Hamas emerged from the war riding a wave of mass public support, whereas Abbas looked ineffectual and distant. He had been tricked by Hamas and now found himself in the unenviable position of having to raise funds for Gaza’s reconstruction. The slow rate of that reconstruction, moreover, led many Palestinians to believe he simply didn’t care about Gazans. Abbas attempted to regain the momentum from Hamas with a diplomatic counteroffensive at the UN General Assembly, where he accused Israel of committing “genocide” and threatened to seek recognition of Palestinian statehood at the UN Security Council. In December, he put the Palestinians on the path to joining the International Criminal Court.
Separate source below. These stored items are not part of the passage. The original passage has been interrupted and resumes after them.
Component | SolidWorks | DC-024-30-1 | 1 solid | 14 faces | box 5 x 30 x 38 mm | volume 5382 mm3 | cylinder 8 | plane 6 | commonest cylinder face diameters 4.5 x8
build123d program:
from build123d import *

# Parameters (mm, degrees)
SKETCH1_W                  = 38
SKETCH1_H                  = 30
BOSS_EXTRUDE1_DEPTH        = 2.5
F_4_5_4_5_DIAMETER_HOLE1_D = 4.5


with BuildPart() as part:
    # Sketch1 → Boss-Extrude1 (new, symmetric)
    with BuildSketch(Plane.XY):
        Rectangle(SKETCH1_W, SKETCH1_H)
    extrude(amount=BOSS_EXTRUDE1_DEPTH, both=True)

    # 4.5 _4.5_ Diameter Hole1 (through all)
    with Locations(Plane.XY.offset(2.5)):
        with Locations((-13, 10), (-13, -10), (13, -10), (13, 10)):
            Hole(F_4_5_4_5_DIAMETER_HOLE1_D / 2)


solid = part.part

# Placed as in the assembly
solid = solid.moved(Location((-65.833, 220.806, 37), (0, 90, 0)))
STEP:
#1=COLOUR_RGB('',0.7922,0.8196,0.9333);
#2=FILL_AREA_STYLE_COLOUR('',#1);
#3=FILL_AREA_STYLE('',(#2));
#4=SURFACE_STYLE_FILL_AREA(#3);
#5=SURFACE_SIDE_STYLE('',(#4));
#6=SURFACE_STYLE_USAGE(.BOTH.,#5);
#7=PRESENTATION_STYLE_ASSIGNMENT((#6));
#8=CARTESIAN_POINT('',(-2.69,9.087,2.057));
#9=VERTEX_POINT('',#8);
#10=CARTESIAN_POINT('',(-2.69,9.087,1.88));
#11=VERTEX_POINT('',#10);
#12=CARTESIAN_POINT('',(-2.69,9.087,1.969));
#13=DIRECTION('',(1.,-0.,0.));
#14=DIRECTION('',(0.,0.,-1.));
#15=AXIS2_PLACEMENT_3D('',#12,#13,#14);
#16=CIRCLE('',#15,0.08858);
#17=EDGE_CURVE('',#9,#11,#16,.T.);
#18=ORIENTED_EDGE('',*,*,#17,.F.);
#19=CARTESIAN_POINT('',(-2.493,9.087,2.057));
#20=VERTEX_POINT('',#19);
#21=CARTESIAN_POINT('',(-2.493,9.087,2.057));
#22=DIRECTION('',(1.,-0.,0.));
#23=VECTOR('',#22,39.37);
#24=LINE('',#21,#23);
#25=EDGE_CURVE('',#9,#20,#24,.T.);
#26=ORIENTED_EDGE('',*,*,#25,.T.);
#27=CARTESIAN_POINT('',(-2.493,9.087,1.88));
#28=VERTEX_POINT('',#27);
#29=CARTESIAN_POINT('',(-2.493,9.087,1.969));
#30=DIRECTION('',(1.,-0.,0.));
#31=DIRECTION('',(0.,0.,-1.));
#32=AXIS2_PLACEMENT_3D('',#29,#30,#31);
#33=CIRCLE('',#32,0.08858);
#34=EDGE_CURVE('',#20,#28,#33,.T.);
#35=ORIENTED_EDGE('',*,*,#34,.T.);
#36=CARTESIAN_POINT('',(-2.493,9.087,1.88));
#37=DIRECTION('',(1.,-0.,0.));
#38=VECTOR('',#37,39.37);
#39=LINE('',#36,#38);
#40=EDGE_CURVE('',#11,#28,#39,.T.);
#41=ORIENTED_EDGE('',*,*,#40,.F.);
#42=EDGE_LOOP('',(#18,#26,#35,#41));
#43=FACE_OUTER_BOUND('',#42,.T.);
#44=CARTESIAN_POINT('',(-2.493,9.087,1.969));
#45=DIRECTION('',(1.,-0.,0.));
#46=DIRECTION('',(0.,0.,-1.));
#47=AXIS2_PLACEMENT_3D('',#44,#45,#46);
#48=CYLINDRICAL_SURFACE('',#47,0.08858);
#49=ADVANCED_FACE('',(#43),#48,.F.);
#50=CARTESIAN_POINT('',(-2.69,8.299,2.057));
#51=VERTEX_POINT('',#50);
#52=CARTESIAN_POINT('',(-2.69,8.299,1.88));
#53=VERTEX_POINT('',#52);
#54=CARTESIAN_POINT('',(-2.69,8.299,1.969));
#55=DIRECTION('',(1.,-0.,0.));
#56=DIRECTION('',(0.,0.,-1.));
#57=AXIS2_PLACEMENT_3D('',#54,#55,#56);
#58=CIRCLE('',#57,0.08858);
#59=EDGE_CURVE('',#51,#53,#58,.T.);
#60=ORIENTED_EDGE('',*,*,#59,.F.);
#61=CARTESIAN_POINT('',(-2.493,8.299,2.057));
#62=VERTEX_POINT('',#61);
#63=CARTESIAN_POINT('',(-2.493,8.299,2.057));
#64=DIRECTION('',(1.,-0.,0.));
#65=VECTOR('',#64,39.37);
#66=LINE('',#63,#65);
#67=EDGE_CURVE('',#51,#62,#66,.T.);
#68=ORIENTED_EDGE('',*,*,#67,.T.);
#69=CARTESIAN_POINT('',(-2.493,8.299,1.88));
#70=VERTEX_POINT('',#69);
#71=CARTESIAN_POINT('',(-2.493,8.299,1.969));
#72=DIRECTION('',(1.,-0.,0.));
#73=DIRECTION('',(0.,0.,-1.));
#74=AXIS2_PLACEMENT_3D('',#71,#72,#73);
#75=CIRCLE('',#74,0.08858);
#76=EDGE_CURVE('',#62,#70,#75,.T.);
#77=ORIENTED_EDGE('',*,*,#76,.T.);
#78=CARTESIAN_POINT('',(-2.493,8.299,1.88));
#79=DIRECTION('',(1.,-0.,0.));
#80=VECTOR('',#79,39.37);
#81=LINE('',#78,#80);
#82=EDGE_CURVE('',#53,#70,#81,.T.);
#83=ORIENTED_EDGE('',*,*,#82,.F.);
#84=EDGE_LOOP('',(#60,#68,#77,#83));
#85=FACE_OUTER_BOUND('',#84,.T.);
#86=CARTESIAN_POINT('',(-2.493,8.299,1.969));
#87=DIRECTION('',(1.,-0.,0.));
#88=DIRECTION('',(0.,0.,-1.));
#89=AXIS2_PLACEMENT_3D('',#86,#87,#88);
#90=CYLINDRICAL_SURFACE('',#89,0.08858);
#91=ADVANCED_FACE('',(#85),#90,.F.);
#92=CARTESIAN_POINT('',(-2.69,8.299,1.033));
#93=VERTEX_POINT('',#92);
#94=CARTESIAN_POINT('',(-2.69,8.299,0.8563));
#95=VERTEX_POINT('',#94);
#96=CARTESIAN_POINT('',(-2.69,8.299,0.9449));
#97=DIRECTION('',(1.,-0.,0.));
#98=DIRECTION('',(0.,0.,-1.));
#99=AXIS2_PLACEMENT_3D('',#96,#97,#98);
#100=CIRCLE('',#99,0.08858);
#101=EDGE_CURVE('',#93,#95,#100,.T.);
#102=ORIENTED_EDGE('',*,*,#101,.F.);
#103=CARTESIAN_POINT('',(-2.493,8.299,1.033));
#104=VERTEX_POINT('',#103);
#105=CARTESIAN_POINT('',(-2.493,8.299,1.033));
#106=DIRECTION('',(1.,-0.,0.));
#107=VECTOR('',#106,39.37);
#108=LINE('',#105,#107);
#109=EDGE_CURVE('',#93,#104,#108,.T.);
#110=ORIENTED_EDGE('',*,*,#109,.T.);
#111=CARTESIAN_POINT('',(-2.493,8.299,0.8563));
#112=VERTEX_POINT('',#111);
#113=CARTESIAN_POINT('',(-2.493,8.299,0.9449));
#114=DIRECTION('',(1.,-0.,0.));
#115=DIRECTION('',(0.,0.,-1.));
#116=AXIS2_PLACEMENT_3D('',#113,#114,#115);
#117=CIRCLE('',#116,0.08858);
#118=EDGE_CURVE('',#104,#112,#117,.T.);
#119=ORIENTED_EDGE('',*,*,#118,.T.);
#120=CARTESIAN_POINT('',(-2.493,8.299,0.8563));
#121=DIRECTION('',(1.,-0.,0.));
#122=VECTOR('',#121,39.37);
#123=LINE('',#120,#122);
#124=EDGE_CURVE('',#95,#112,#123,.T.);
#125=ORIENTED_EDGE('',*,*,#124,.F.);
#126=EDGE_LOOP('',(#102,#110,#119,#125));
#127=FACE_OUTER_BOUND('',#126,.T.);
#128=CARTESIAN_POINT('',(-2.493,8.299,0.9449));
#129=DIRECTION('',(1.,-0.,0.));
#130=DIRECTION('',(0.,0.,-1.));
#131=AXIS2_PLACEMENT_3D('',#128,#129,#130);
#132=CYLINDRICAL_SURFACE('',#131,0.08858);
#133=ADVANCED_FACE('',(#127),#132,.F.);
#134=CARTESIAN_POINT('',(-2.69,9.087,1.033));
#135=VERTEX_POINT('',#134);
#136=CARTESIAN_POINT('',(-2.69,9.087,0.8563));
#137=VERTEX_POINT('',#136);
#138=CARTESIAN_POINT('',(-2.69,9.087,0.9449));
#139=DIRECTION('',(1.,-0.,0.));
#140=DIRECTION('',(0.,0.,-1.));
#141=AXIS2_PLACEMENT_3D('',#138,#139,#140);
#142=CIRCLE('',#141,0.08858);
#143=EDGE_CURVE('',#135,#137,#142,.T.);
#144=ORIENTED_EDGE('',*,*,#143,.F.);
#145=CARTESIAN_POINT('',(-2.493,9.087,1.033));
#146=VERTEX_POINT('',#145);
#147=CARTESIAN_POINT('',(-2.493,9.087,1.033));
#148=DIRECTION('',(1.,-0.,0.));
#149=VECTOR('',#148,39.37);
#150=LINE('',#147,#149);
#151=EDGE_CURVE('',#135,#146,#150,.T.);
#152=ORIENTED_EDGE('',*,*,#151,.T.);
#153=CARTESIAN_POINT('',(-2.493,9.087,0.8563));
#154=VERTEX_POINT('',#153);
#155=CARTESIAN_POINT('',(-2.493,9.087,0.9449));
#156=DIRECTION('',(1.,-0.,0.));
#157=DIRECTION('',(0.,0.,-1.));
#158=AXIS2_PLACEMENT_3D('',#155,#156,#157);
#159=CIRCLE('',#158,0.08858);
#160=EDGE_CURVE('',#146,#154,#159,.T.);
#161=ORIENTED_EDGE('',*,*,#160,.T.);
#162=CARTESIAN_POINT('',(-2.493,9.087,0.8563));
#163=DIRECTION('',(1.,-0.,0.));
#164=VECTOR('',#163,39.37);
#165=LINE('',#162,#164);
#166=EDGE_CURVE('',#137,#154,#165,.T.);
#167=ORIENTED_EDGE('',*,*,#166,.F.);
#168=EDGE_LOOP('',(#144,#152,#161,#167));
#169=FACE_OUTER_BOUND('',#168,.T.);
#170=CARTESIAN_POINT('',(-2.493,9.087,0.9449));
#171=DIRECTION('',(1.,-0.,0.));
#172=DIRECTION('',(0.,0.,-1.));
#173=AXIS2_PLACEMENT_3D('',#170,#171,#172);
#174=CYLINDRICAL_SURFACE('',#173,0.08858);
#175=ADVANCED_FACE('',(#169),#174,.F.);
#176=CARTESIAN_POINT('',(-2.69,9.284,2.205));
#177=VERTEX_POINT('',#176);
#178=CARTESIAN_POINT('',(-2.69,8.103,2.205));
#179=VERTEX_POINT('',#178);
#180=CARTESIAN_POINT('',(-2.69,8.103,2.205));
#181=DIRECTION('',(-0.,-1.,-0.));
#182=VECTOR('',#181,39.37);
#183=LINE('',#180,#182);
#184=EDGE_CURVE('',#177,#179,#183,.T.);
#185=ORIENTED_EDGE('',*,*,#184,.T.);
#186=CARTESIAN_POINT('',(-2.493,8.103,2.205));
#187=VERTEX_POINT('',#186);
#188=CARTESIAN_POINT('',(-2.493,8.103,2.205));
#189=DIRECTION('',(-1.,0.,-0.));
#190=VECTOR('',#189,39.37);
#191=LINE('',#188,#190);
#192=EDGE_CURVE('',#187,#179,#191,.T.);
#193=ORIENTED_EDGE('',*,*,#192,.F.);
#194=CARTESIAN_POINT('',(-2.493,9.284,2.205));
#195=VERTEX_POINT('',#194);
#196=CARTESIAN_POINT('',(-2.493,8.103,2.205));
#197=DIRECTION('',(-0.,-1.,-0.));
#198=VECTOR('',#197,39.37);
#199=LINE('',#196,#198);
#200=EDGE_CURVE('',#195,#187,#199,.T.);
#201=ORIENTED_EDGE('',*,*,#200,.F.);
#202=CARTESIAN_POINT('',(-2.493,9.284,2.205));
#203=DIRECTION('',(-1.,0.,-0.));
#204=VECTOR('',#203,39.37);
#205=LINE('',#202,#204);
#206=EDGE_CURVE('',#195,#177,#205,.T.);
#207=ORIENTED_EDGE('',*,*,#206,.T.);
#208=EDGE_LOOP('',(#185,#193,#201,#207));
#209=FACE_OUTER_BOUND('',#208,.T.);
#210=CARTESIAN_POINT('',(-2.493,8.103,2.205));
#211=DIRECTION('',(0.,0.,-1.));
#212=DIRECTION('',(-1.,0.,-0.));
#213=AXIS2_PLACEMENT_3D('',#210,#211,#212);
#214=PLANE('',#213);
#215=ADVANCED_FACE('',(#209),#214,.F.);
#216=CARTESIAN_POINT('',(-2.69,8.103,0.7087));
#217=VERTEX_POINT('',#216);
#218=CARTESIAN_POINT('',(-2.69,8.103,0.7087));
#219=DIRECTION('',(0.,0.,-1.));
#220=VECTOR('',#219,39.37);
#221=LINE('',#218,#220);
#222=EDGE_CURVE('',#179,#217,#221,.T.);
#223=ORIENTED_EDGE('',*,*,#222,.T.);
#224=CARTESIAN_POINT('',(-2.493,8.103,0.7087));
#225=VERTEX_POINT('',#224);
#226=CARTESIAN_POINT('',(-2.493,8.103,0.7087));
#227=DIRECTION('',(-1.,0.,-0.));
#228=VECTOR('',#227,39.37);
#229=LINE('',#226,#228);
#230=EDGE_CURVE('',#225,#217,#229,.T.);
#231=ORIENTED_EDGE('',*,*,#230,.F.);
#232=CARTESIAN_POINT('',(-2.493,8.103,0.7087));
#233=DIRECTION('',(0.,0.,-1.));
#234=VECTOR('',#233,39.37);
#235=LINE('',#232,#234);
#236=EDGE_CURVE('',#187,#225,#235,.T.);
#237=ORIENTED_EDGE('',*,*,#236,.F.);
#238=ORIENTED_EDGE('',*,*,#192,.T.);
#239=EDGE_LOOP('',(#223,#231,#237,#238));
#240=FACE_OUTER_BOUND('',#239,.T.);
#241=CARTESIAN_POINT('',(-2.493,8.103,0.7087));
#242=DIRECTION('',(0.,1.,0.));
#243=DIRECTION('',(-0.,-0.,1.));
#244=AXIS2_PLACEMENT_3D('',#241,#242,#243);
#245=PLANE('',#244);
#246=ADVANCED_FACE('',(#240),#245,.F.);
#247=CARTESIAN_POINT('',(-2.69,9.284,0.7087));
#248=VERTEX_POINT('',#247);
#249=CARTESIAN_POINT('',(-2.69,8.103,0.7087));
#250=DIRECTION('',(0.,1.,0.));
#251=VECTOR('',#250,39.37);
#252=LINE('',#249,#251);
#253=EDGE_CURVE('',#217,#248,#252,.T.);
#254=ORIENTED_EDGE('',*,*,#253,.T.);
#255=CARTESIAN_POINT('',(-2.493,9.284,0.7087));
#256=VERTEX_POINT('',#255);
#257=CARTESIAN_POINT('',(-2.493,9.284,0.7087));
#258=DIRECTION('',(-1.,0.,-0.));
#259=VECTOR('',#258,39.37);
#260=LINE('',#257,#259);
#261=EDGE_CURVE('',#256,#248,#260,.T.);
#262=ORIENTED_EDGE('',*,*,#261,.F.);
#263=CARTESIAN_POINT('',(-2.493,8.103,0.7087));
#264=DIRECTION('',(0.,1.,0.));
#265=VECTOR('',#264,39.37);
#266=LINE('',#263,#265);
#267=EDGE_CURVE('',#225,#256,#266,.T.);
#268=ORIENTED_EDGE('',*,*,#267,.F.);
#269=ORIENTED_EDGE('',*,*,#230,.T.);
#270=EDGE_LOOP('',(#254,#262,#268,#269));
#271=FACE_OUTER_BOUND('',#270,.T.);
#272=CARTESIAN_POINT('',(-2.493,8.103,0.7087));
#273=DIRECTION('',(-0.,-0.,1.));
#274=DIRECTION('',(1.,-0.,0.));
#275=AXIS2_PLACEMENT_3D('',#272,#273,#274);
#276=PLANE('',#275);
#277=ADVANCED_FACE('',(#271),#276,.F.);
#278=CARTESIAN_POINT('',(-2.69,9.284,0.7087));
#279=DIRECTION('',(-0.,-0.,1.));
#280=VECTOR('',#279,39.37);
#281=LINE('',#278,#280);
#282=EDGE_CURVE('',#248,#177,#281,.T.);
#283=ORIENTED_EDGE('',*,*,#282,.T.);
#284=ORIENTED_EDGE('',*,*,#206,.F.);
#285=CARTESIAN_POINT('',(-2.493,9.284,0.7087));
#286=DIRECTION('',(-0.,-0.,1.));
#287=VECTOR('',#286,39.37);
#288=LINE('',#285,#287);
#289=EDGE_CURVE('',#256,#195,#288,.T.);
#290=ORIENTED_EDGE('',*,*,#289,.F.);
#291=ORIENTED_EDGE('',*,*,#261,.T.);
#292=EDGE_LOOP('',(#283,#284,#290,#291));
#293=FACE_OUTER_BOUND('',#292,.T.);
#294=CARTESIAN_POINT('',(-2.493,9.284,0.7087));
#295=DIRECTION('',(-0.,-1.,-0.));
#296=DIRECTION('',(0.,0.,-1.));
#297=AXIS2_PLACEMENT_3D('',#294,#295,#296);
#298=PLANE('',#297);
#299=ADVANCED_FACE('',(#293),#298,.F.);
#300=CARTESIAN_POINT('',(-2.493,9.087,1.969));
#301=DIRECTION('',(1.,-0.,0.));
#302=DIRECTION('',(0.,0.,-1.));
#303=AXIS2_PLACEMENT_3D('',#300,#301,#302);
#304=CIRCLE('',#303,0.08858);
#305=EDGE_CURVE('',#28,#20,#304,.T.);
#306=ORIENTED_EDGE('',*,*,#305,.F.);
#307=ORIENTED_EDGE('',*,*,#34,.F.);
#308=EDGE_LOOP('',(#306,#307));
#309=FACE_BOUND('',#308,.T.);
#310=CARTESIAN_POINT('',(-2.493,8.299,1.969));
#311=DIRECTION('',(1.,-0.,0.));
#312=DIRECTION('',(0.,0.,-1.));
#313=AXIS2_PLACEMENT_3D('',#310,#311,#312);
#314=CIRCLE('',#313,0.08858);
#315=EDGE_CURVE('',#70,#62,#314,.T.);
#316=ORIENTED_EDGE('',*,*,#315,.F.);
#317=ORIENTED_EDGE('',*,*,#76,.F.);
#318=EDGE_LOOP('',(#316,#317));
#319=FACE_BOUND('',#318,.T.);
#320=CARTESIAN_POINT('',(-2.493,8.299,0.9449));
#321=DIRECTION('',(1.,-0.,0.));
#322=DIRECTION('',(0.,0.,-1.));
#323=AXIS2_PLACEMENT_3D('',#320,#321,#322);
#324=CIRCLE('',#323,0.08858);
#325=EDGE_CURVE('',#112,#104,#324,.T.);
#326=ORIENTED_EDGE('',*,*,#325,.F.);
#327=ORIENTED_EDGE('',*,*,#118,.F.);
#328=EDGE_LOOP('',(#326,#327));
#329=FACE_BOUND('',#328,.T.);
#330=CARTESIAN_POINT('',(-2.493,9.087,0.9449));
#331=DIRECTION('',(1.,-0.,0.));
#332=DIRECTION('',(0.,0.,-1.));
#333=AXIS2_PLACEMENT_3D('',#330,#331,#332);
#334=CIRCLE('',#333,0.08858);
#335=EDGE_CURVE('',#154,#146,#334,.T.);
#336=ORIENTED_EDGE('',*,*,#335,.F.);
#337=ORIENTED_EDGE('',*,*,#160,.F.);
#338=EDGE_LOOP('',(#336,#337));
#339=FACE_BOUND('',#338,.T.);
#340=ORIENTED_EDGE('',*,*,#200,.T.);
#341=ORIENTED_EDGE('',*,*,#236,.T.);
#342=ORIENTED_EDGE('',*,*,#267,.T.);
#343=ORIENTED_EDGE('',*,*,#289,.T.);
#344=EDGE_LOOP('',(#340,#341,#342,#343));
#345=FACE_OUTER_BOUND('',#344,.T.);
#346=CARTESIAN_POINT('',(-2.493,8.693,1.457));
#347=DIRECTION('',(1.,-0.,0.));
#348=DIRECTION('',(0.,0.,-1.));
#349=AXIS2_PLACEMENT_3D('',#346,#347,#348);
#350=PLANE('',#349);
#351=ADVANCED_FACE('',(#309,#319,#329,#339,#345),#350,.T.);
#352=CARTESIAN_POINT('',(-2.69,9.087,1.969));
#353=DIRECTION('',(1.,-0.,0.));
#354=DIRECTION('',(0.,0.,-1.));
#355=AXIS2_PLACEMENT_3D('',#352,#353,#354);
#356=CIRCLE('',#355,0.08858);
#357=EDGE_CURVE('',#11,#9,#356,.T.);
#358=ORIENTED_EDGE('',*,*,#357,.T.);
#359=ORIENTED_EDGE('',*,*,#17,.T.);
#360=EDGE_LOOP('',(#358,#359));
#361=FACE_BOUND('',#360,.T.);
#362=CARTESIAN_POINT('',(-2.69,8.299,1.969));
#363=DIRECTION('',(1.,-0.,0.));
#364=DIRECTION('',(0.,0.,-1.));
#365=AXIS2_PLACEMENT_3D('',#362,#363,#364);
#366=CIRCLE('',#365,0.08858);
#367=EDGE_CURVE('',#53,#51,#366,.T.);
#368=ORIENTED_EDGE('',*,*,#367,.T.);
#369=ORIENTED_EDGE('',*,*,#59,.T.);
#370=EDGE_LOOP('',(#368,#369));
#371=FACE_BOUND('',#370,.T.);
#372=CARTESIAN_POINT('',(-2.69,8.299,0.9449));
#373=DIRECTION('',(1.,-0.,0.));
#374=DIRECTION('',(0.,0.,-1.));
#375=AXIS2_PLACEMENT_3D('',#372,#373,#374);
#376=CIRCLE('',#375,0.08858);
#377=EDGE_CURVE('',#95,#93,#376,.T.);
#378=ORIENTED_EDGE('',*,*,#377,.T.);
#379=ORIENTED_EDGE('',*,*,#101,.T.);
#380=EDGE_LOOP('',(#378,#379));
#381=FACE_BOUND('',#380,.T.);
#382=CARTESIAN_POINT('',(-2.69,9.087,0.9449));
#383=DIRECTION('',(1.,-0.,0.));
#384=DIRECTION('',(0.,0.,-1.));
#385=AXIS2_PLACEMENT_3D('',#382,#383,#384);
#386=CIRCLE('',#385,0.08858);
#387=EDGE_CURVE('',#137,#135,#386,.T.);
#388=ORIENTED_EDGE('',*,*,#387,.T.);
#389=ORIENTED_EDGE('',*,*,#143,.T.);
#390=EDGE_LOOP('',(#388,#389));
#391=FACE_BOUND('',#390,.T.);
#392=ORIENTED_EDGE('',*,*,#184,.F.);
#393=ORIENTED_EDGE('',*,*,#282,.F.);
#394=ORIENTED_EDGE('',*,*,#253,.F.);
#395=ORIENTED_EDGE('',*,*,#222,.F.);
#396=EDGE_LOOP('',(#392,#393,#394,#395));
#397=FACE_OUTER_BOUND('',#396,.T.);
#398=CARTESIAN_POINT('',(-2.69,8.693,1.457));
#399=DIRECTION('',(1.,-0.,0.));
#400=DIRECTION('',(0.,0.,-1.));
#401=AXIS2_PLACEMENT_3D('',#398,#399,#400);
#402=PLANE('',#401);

But weeks after finally acceding to the ICC in April 2015, Hamas reemerged with a major victory in the student elections at the West Bank’s largest university. It was Hamas’ first triumph over Fatah at Birzeit University since the civil war between the two parties in 2007. Since the last elections were in 2006, many Palestinian observers saw the student elections as the only accurate barometer of public opinion. Abbas’ allies must have thought the same. Two other student elections at Palestinian universities were postponed indefinitely, while Fatah’s Saeb Erekat lamented: “We lost big . . . my house feels suffocated.”

The unity government was essentially dead at that point. Abbas’ security forces raided a Hamas cell in Hebron that May, and Hamas responded by calling for an investigation of Abbas’ top adviser. In July, Abbas dismantled the unity government with Hamas and reassembled the Palestinian Authority’s cabinet with loyalists. Hamas blasted the move as “unconstitutional” and called it a “coup” against the government. Within weeks, the attack at Duma would plunge the West Bank into a maelstrom.

ABBAS' NEXT MOVE

As Hamas escalates its actions in the West Bank, Abbas has few options. His Fatah party is arguably weaker now than at any point in the Oslo period. The group’s nationalist, pro-diplomacy brand may be losing its appeal among Palestinians: a recent poll found that Fatah’s popularity has plunged in the West Bank as Hamas’ has risen. Rumors are swirling that the group is facing a serious financial crisis. The party is divided along not only a generational gap, but a growing rift between Abbas loyalists and reformers. Those in the latter category are attempting to force a successor on the 80-year-old leader, who has so far refused to appoint a deputy. With no successor, strategy, or way to combat Hamas’ growing appeal, Fatah is on unsteady ground.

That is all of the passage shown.